South Africa's political leader of Afrikaner (Dutch) heritage, Jan Christian Smuts, had advocated cooperation between whites and blacks, with whites maintaining power and blacks available to whites as a pool of labor. But in 1917, Smuts and his colleague in the governing political party, Louis Botha, applied a limitation to the cooperation between blacks and whites. By law there were to be no more mixed marriages or extramarital sexual relations between the races.
By 1918, blacks in South Africa were struggling for a modicum of freedom and power. They organized their first mass action: a grievance concerning public utilities. Then in 1919, black workers organized a labor union. They conducted a strike at loading docks against the railroads. In 1921, Prime Minister Smuts' government took one more step in separating the races: it created the Natives Land Act, preventing Africans from holding land except in specially designated reserves.

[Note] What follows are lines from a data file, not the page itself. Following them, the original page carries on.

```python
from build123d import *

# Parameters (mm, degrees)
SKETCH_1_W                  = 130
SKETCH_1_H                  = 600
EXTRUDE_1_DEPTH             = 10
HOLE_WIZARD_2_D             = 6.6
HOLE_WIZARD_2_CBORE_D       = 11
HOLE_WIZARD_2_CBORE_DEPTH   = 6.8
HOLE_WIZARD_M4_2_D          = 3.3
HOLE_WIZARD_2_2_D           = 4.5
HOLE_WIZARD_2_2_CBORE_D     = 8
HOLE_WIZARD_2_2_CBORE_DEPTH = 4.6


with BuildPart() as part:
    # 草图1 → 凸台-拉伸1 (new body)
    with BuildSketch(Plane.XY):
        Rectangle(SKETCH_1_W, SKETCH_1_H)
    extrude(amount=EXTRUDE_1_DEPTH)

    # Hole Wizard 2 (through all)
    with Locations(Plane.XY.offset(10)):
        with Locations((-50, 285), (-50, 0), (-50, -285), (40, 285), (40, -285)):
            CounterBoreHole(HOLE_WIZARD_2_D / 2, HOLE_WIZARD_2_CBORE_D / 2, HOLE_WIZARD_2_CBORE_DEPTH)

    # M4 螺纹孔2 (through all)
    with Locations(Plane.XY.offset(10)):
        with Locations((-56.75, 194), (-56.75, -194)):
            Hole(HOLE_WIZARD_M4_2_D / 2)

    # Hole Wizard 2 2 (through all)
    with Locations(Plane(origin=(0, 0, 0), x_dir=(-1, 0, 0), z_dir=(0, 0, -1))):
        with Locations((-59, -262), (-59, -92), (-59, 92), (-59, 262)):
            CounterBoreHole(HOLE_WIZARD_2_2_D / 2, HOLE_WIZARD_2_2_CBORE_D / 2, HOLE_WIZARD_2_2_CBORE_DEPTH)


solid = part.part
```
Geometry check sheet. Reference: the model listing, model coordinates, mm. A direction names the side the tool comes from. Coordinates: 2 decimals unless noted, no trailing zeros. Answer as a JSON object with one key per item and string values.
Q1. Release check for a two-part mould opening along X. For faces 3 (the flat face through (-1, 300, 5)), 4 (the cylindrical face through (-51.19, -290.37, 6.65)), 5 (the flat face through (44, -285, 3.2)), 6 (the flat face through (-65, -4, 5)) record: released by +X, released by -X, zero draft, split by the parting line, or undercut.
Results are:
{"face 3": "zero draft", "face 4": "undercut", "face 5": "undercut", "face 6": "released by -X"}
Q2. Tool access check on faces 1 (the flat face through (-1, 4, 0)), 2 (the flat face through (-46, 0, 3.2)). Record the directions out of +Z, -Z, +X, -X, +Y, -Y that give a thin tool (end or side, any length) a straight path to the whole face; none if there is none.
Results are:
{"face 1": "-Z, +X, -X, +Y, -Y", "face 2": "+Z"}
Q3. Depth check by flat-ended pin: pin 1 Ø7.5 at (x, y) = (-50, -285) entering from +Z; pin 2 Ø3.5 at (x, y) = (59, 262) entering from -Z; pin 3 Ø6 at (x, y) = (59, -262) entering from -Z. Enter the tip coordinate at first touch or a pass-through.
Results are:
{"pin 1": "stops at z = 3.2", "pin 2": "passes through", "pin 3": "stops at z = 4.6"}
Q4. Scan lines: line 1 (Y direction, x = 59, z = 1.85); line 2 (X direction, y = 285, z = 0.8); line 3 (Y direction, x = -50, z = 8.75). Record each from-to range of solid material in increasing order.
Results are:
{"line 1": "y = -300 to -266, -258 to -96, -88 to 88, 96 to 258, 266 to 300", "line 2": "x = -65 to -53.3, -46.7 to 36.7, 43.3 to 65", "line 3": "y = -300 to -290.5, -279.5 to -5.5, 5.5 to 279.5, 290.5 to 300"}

Later that same year, Smuts faced a rebellion by white workers. The gold mining industry in South Africa was facing a drop in the price of gold and rising costs in production, and owners decided to save money by hiring blacks for semi-skilled work. White workers responded with violence, and against them Smuts sent troops, resulting in bloodshed and the deaths of white workers. South Africa's white Labour Party responded by aligning itself with the Nationalist Party of Afrikaners – a party traditionally in favor of removing British influence in South Africa. Smuts' tried to counter the alliance by wooing South Rhodesia's electorate into merging with the Union of South Africa. Whites from South Africa had been migrating to Southern Rhodesia, joined by migrants from Britain, but there was to be no merger. Smuts lost in the elections in 1924 and he was replaced as Prime Minister by J M B Herzog, leader of the Nationalist Party. Herzog was a strong supporter of the separation of the races – the policy to be known as Apartheid. He was opposed to mine owners employing skilled blacks. And in alliance with South Africa's Labour Party, in 1926 he introduced the Mines and Works Amendment Act, which excluded blacks and Asians from all skilled and some semi-skilled mining jobs.
Sources
A History of Africa, by JD Fage, 1996
Africa, by Sanford J Ungar, Simon & Schuster Inc., 1986
Opposition to the Mines and Works Amendment Act of 1926, by JC McBean
Copyright © 1998-2014 by Frank E. Smitha. All rights reserved.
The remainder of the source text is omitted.